Another good thing to notice is that the code is direct. The data structure and control flow match the problem shape closely, which is what you want in DSA code: fewer moving parts, cleaner invariants, and a faster path to debugging.

Dry Run

Dry-run Combinations as a decision tree. At each recursion level, note the current partial answer, the next available choices, and what gets removed again during backtracking. That reveals why the recursion does not leak state across siblings.

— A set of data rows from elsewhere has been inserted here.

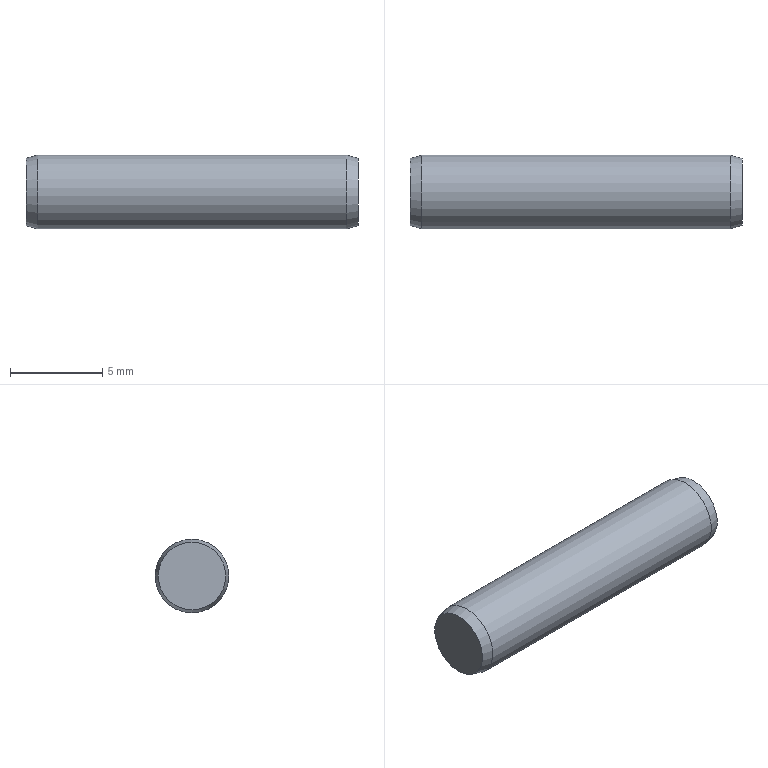Component | NX | DOWEL_PIN | 1 solid | 5 faces | box 18 x 4 x 4 mm | volume 225 mm3 | plane 2 | cone 2 | cylinder 1 | commonest cylinder face diameters 4 x1
STEP:
#1=CARTESIAN_POINT('',(0.,0.,0.));
#2=DIRECTION('',(0.,0.,1.));
#3=DIRECTION('',(1.,0.,0.));
#4=AXIS2_PLACEMENT_3D('',#1,#2,#3);
#5=CARTESIAN_POINT('',(36.5,-0.,-1.331));
#6=VERTEX_POINT('',#5);
#7=CARTESIAN_POINT('',(36.5,-0.,0.5));
#8=DIRECTION('',(1.,0.,0.));
#9=DIRECTION('',(0.,0.,-1.));
#10=AXIS2_PLACEMENT_3D('',#7,#8,#9);
#11=CIRCLE('',#10,1.831);
#12=CARTESIAN_POINT('',(36.5,-0.,0.5));
#13=DIRECTION('',(1.,0.,0.));
#14=DIRECTION('',(0.,0.,-1.));
#15=AXIS2_PLACEMENT_3D('',#12,#13,#14);
#16=PLANE('',#15);
#17=CARTESIAN_POINT('',(0.,0.));
#18=DIRECTION('',(1.,0.));
#19=AXIS2_PLACEMENT_2D('',#17,#18);
#20=CIRCLE('',#19,1.831);
#21=(GEOMETRIC_REPRESENTATION_CONTEXT(2)PARAMETRIC_REPRESENTATION_CONTEXT()REPRESENTATION_CONTEXT('',''));
#22=DEFINITIONAL_REPRESENTATION('',(#20),#21);
#23=PCURVE('',#16,#22);
#24=CARTESIAN_POINT('',(35.87,-0.,0.5));
#25=DIRECTION('',(-1.,0.,0.));
#26=DIRECTION('',(0.,0.,1.));
#27=AXIS2_PLACEMENT_3D('',#24,#25,#26);
#28=CONICAL_SURFACE('',#27,2.,0.2618);
#29=CARTESIAN_POINT('',(9.425,-0.63));
#30=DIRECTION('',(-1.,0.));
#31=VECTOR('',#30,1.);
#32=LINE('',#29,#31);
#33=(GEOMETRIC_REPRESENTATION_CONTEXT(2)PARAMETRIC_REPRESENTATION_CONTEXT()REPRESENTATION_CONTEXT('',''));
#34=DEFINITIONAL_REPRESENTATION('',(#32),#33);
#35=PCURVE('',#28,#34);
#36=SURFACE_CURVE('',#11,(#23,#35),.PCURVE_S1.);
#37=EDGE_CURVE('',#6,#6,#36,.T.);
#38=ORIENTED_EDGE('',*,*,#37,.T.);
#39=EDGE_LOOP('',(#38));
#40=FACE_BOUND('',#39,.T.);
#41=ADVANCED_FACE('',(#40),#16,.T.);
#42=CARTESIAN_POINT('',(18.5,-0.,2.331));
#43=VERTEX_POINT('',#42);
#44=CARTESIAN_POINT('',(18.5,-0.,0.5));
#45=DIRECTION('',(-1.,0.,0.));
#46=DIRECTION('',(0.,0.,1.));
#47=AXIS2_PLACEMENT_3D('',#44,#45,#46);
#48=CIRCLE('',#47,1.831);
#49=CARTESIAN_POINT('',(18.5,-0.,0.5));
#50=DIRECTION('',(-1.,0.,0.));
#51=DIRECTION('',(0.,0.,1.));
#52=AXIS2_PLACEMENT_3D('',#49,#50,#51);
#53=PLANE('',#52);
#54=CARTESIAN_POINT('',(0.,0.));
#55=DIRECTION('',(1.,0.));
#56=AXIS2_PLACEMENT_2D('',#54,#55);
#57=CIRCLE('',#56,1.831);
#58=(GEOMETRIC_REPRESENTATION_CONTEXT(2)PARAMETRIC_REPRESENTATION_CONTEXT()REPRESENTATION_CONTEXT('',''));
#59=DEFINITIONAL_REPRESENTATION('',(#57),#58);
#60=PCURVE('',#53,#59);
#61=CARTESIAN_POINT('',(19.13,-0.,0.5));
#62=DIRECTION('',(1.,0.,0.));
#63=DIRECTION('',(0.,0.,-1.));
#64=AXIS2_PLACEMENT_3D('',#61,#62,#63);
#65=CONICAL_SURFACE('',#64,2.,0.2618);
#66=CARTESIAN_POINT('',(9.425,-0.63));
#67=DIRECTION('',(-1.,0.));
#68=VECTOR('',#67,1.);
#69=LINE('',#66,#68);
#70=(GEOMETRIC_REPRESENTATION_CONTEXT(2)PARAMETRIC_REPRESENTATION_CONTEXT()REPRESENTATION_CONTEXT('',''));
#71=DEFINITIONAL_REPRESENTATION('',(#69),#70);
#72=PCURVE('',#65,#71);
#73=SURFACE_CURVE('',#48,(#60,#72),.PCURVE_S1.);
#74=EDGE_CURVE('',#43,#43,#73,.T.);
#75=ORIENTED_EDGE('',*,*,#74,.T.);
#76=EDGE_LOOP('',(#75));
#77=FACE_BOUND('',#76,.T.);
#78=ADVANCED_FACE('',(#77),#53,.T.);
#79=CARTESIAN_POINT('',(19.13,-0.,2.5));
#80=VERTEX_POINT('',#79);
#81=CARTESIAN_POINT('',(19.13,-0.,-1.5));
#82=VERTEX_POINT('',#81);
#83=CARTESIAN_POINT('',(19.13,-0.,0.5));
#84=DIRECTION('',(1.,0.,0.));
#85=DIRECTION('',(0.,0.,1.));
#86=AXIS2_PLACEMENT_3D('',#83,#84,#85);
#87=CIRCLE('',#86,2.);
#88=CARTESIAN_POINT('',(18.5,-0.,0.5));
#89=DIRECTION('',(1.,0.,0.));
#90=DIRECTION('',(0.,0.,-1.));
#91=AXIS2_PLACEMENT_3D('',#88,#89,#90);
#92=CYLINDRICAL_SURFACE('',#91,2.);
#93=CARTESIAN_POINT('',(3.142,0.63));
#94=DIRECTION('',(1.,0.));
#95=VECTOR('',#94,1.);
#96=LINE('',#93,#95);
#97=(GEOMETRIC_REPRESENTATION_CONTEXT(2)PARAMETRIC_REPRESENTATION_CONTEXT()REPRESENTATION_CONTEXT('',''));
#98=DEFINITIONAL_REPRESENTATION('',(#96),#97);
#99=PCURVE('',#92,#98);
#100=CARTESIAN_POINT('',(3.142,0.));
#101=DIRECTION('',(1.,0.));
#102=VECTOR('',#101,1.);
#103=LINE('',#100,#102);
#104=(GEOMETRIC_REPRESENTATION_CONTEXT(2)PARAMETRIC_REPRESENTATION_CONTEXT()REPRESENTATION_CONTEXT('',''));
#105=DEFINITIONAL_REPRESENTATION('',(#103),#104);
#106=PCURVE('',#65,#105);
#107=SURFACE_CURVE('',#87,(#99,#106),.PCURVE_S1.);
#108=EDGE_CURVE('',#80,#82,#107,.T.);
#109=ORIENTED_EDGE('',*,*,#108,.T.);
#110=CARTESIAN_POINT('',(35.87,-0.,-1.5));
#111=VERTEX_POINT('',#110);
#112=CARTESIAN_POINT('',(19.13,-0.,-1.5));
#113=CARTESIAN_POINT('',(35.87,-0.,-1.5));
#114=B_SPLINE_CURVE_WITH_KNOTS('',1,(#112,#113),.UNSPECIFIED.,.F.,.F.,(2,2),(0.63,17.37),.PIECEWISE_BEZIER_KNOTS.);
#115=CARTESIAN_POINT('',(6.283,0.));
#116=DIRECTION('',(0.,1.));
#117=VECTOR('',#116,1.);
#118=LINE('',#115,#117);
#119=(GEOMETRIC_REPRESENTATION_CONTEXT(2)PARAMETRIC_REPRESENTATION_CONTEXT()REPRESENTATION_CONTEXT('',''));
#120=DEFINITIONAL_REPRESENTATION('',(#118),#119);
#121=PCURVE('',#92,#120);
#122=CARTESIAN_POINT('',(0.,0.));
#123=DIRECTION('',(0.,1.));
#124=VECTOR('',#123,1.);
#125=LINE('',#122,#124);
#126=(GEOMETRIC_REPRESENTATION_CONTEXT(2)PARAMETRIC_REPRESENTATION_CONTEXT()REPRESENTATION_CONTEXT('',''));
#127=DEFINITIONAL_REPRESENTATION('',(#125),#126);
#128=PCURVE('',#92,#127);
#129=SEAM_CURVE('',#114,(#121,#128),.PCURVE_S1.);
#130=EDGE_CURVE('',#82,#111,#129,.T.);
#131=ORIENTED_EDGE('',*,*,#130,.T.);
#132=CARTESIAN_POINT('',(35.87,-0.,0.5));
#133=DIRECTION('',(-1.,0.,0.));
#134=DIRECTION('',(0.,0.,-1.));
#135=AXIS2_PLACEMENT_3D('',#132,#133,#134);
#136=CIRCLE('',#135,2.);
#137=CARTESIAN_POINT('',(6.283,17.37));
#138=DIRECTION('',(-1.,0.));
#139=VECTOR('',#138,1.);
#140=LINE('',#137,#139);
#141=(GEOMETRIC_REPRESENTATION_CONTEXT(2)PARAMETRIC_REPRESENTATION_CONTEXT()REPRESENTATION_CONTEXT('',''));
#142=DEFINITIONAL_REPRESENTATION('',(#140),#141);
#143=PCURVE('',#92,#142);
#144=CARTESIAN_POINT('',(3.142,0.));
#145=DIRECTION('',(1.,0.));
#146=VECTOR('',#145,1.);
#147=LINE('',#144,#146);
#148=(GEOMETRIC_REPRESENTATION_CONTEXT(2)PARAMETRIC_REPRESENTATION_CONTEXT()REPRESENTATION_CONTEXT('',''));
#149=DEFINITIONAL_REPRESENTATION('',(#147),#148);
#150=PCURVE('',#28,#149);
#151=SURFACE_CURVE('',#136,(#143,#150),.PCURVE_S1.);
#152=EDGE_CURVE('',#111,#111,#151,.T.);
#153=ORIENTED_EDGE('',*,*,#152,.T.);
#154=ORIENTED_EDGE('',*,*,#130,.F.);
#155=CARTESIAN_POINT('',(19.13,-0.,0.5));
#156=DIRECTION('',(1.,0.,0.));
#157=DIRECTION('',(0.,0.,1.));
#158=AXIS2_PLACEMENT_3D('',#155,#156,#157);
#159=CIRCLE('',#158,2.);
#160=CARTESIAN_POINT('',(-3.142,0.63));
#161=DIRECTION('',(1.,0.));
#162=VECTOR('',#161,1.);
#163=LINE('',#160,#162);
#164=(GEOMETRIC_REPRESENTATION_CONTEXT(2)PARAMETRIC_REPRESENTATION_CONTEXT()REPRESENTATION_CONTEXT('',''));
#165=DEFINITIONAL_REPRESENTATION('',(#163),#164);
#166=PCURVE('',#92,#165);
#167=CARTESIAN_POINT('',(3.142,0.));
#168=DIRECTION('',(1.,0.));
#169=VECTOR('',#168,1.);
#170=LINE('',#167,#169);
#171=(GEOMETRIC_REPRESENTATION_CONTEXT(2)PARAMETRIC_REPRESENTATION_CONTEXT()REPRESENTATION_CONTEXT('',''));
#172=DEFINITIONAL_REPRESENTATION('',(#170),#171);
#173=PCURVE('',#65,#172);
#174=SURFACE_CURVE('',#159,(#166,#173),.PCURVE_S1.);
#175=EDGE_CURVE('',#82,#80,#174,.T.);
#176=ORIENTED_EDGE('',*,*,#175,.T.);
#177=EDGE_LOOP('',(#109,#131,#153,#154,#176));
#178=FACE_BOUND('',#177,.T.);
#179=ADVANCED_FACE('',(#178),#92,.T.);
#180=ORIENTED_EDGE('',*,*,#74,.F.);
#181=CARTESIAN_POINT('',(18.5,-0.,2.331));
#182=CARTESIAN_POINT('',(19.13,-0.,2.5));
#183=B_SPLINE_CURVE_WITH_KNOTS('',1,(#181,#182),.UNSPECIFIED.,.F.,.F.,(2,2),(-0.6522,0.),.PIECEWISE_BEZIER_KNOTS.);
#184=CARTESIAN_POINT('',(9.425,0.));
#185=DIRECTION('',(0.,1.));
#186=VECTOR('',#185,1.);
#187=LINE('',#184,#186);
#188=(GEOMETRIC_REPRESENTATION_CONTEXT(2)PARAMETRIC_REPRESENTATION_CONTEXT()REPRESENTATION_CONTEXT('',''));
#189=DEFINITIONAL_REPRESENTATION('',(#187),#188);
#190=PCURVE('',#65,#189);
#191=CARTESIAN_POINT('',(3.142,0.));
#192=DIRECTION('',(0.,1.));
#193=VECTOR('',#192,1.);
#194=LINE('',#191,#193);
#195=(GEOMETRIC_REPRESENTATION_CONTEXT(2)PARAMETRIC_REPRESENTATION_CONTEXT()REPRESENTATION_CONTEXT('',''));
#196=DEFINITIONAL_REPRESENTATION('',(#194),#195);
#197=PCURVE('',#65,#196);
#198=SEAM_CURVE('',#183,(#190,#197),.PCURVE_S1.);
#199=EDGE_CURVE('',#43,#80,#198,.T.);
#200=ORIENTED_EDGE('',*,*,#199,.T.);
#201=ORIENTED_EDGE('',*,*,#175,.F.);
#202=ORIENTED_EDGE('',*,*,#108,.F.);
#203=ORIENTED_EDGE('',*,*,#199,.F.);
#204=EDGE_LOOP('',(#180,#200,#201,#202,#203));
#205=FACE_BOUND('',#204,.T.);
#206=ADVANCED_FACE('',(#205),#65,.T.);
#207=ORIENTED_EDGE('',*,*,#37,.F.);
#208=CARTESIAN_POINT('',(36.5,-0.,-1.331));
#209=CARTESIAN_POINT('',(35.87,-0.,-1.5));
#210=B_SPLINE_CURVE_WITH_KNOTS('',1,(#208,#209),.UNSPECIFIED.,.F.,.F.,(2,2),(-0.6522,0.),.PIECEWISE_BEZIER_KNOTS.);
#211=CARTESIAN_POINT('',(9.425,0.));
#212=DIRECTION('',(0.,1.));
#213=VECTOR('',#212,1.);
#214=LINE('',#211,#213);
#215=(GEOMETRIC_REPRESENTATION_CONTEXT(2)PARAMETRIC_REPRESENTATION_CONTEXT()REPRESENTATION_CONTEXT('',''));
#216=DEFINITIONAL_REPRESENTATION('',(#214),#215);
#217=PCURVE('',#28,#216);
#218=CARTESIAN_POINT('',(3.142,0.));
#219=DIRECTION('',(0.,1.));
#220=VECTOR('',#219,1.);
#221=LINE('',#218,#220);
#222=(GEOMETRIC_REPRESENTATION_CONTEXT(2)PARAMETRIC_REPRESENTATION_CONTEXT()REPRESENTATION_CONTEXT('',''));
#223=DEFINITIONAL_REPRESENTATION('',(#221),#222);
#224=PCURVE('',#28,#223);
#225=SEAM_CURVE('',#210,(#217,#224),.PCURVE_S1.);
#226=EDGE_CURVE('',#6,#111,#225,.T.);
#227=ORIENTED_EDGE('',*,*,#226,.T.);
#228=ORIENTED_EDGE('',*,*,#152,.F.);
#229=ORIENTED_EDGE('',*,*,#226,.F.);
#230=EDGE_LOOP('',(#207,#227,#228,#229));
#231=FACE_BOUND('',#230,.T.);
#232=ADVANCED_FACE('',(#231),#28,.T.);
#233=CLOSED_SHELL('',(#41,#78,#179,#206,#232));
#234=MANIFOLD_SOLID_BREP('',#233);
#235=(LENGTH_UNIT()NAMED_UNIT(*)SI_UNIT(.MILLI.,.METRE.));
#236=UNCERTAINTY_MEASURE_WITH_UNIT(LENGTH_MEASURE(0.00001),#235,'','');
#237=(NAMED_UNIT(*)PLANE_ANGLE_UNIT()SI_UNIT($,.RADIAN.));
#238=(NAMED_UNIT(*)SI_UNIT($,.STERADIAN.)SOLID_ANGLE_UNIT());
#239=(GEOMETRIC_REPRESENTATION_CONTEXT(3)GLOBAL_UNCERTAINTY_ASSIGNED_CONTEXT((#236))GLOBAL_UNIT_ASSIGNED_CONTEXT((#235,#237,#238))REPRESENTATION_CONTEXT('',''));
#240=ADVANCED_BREP_SHAPE_REPRESENTATION('',(#4,#234),#239);

If you can explain the dry run without hand-waving, the code usually stops feeling memorized and starts feeling mechanical. That is the point where interview pressure drops and implementation speed improves.

Edge Cases To Test

• empty partial answer at the root
• duplicate choices that need pruning
• base case reached with no more valid extensions

These edge cases are worth testing before you trust the solution. Many DSA bugs do not come from the main idea; they come from assuming the input shape is always convenient.

Performance Notes

The implementation leans on recursion or subtree decomposition. When you review or optimize it, focus first on how many full passes it makes over the input and what extra state it keeps alive, because those two choices dominate both speed and memory use more than small syntax tweaks do.

Debug Steps

Debug steps:

• log the recursion depth and current partial answer
• confirm state is undone immediately after each recursive branch
• watch for duplicate branches that should be pruned
• verify the base case adds a copy, not a mutable reference

Key Takeaways

• Combinations becomes easier once the central invariant is stated in plain language.
• This solution is useful because the control flow stays close to the data structure or recursion contract it depends on.
• If the implementation fails, debug the state transition first, not the syntax.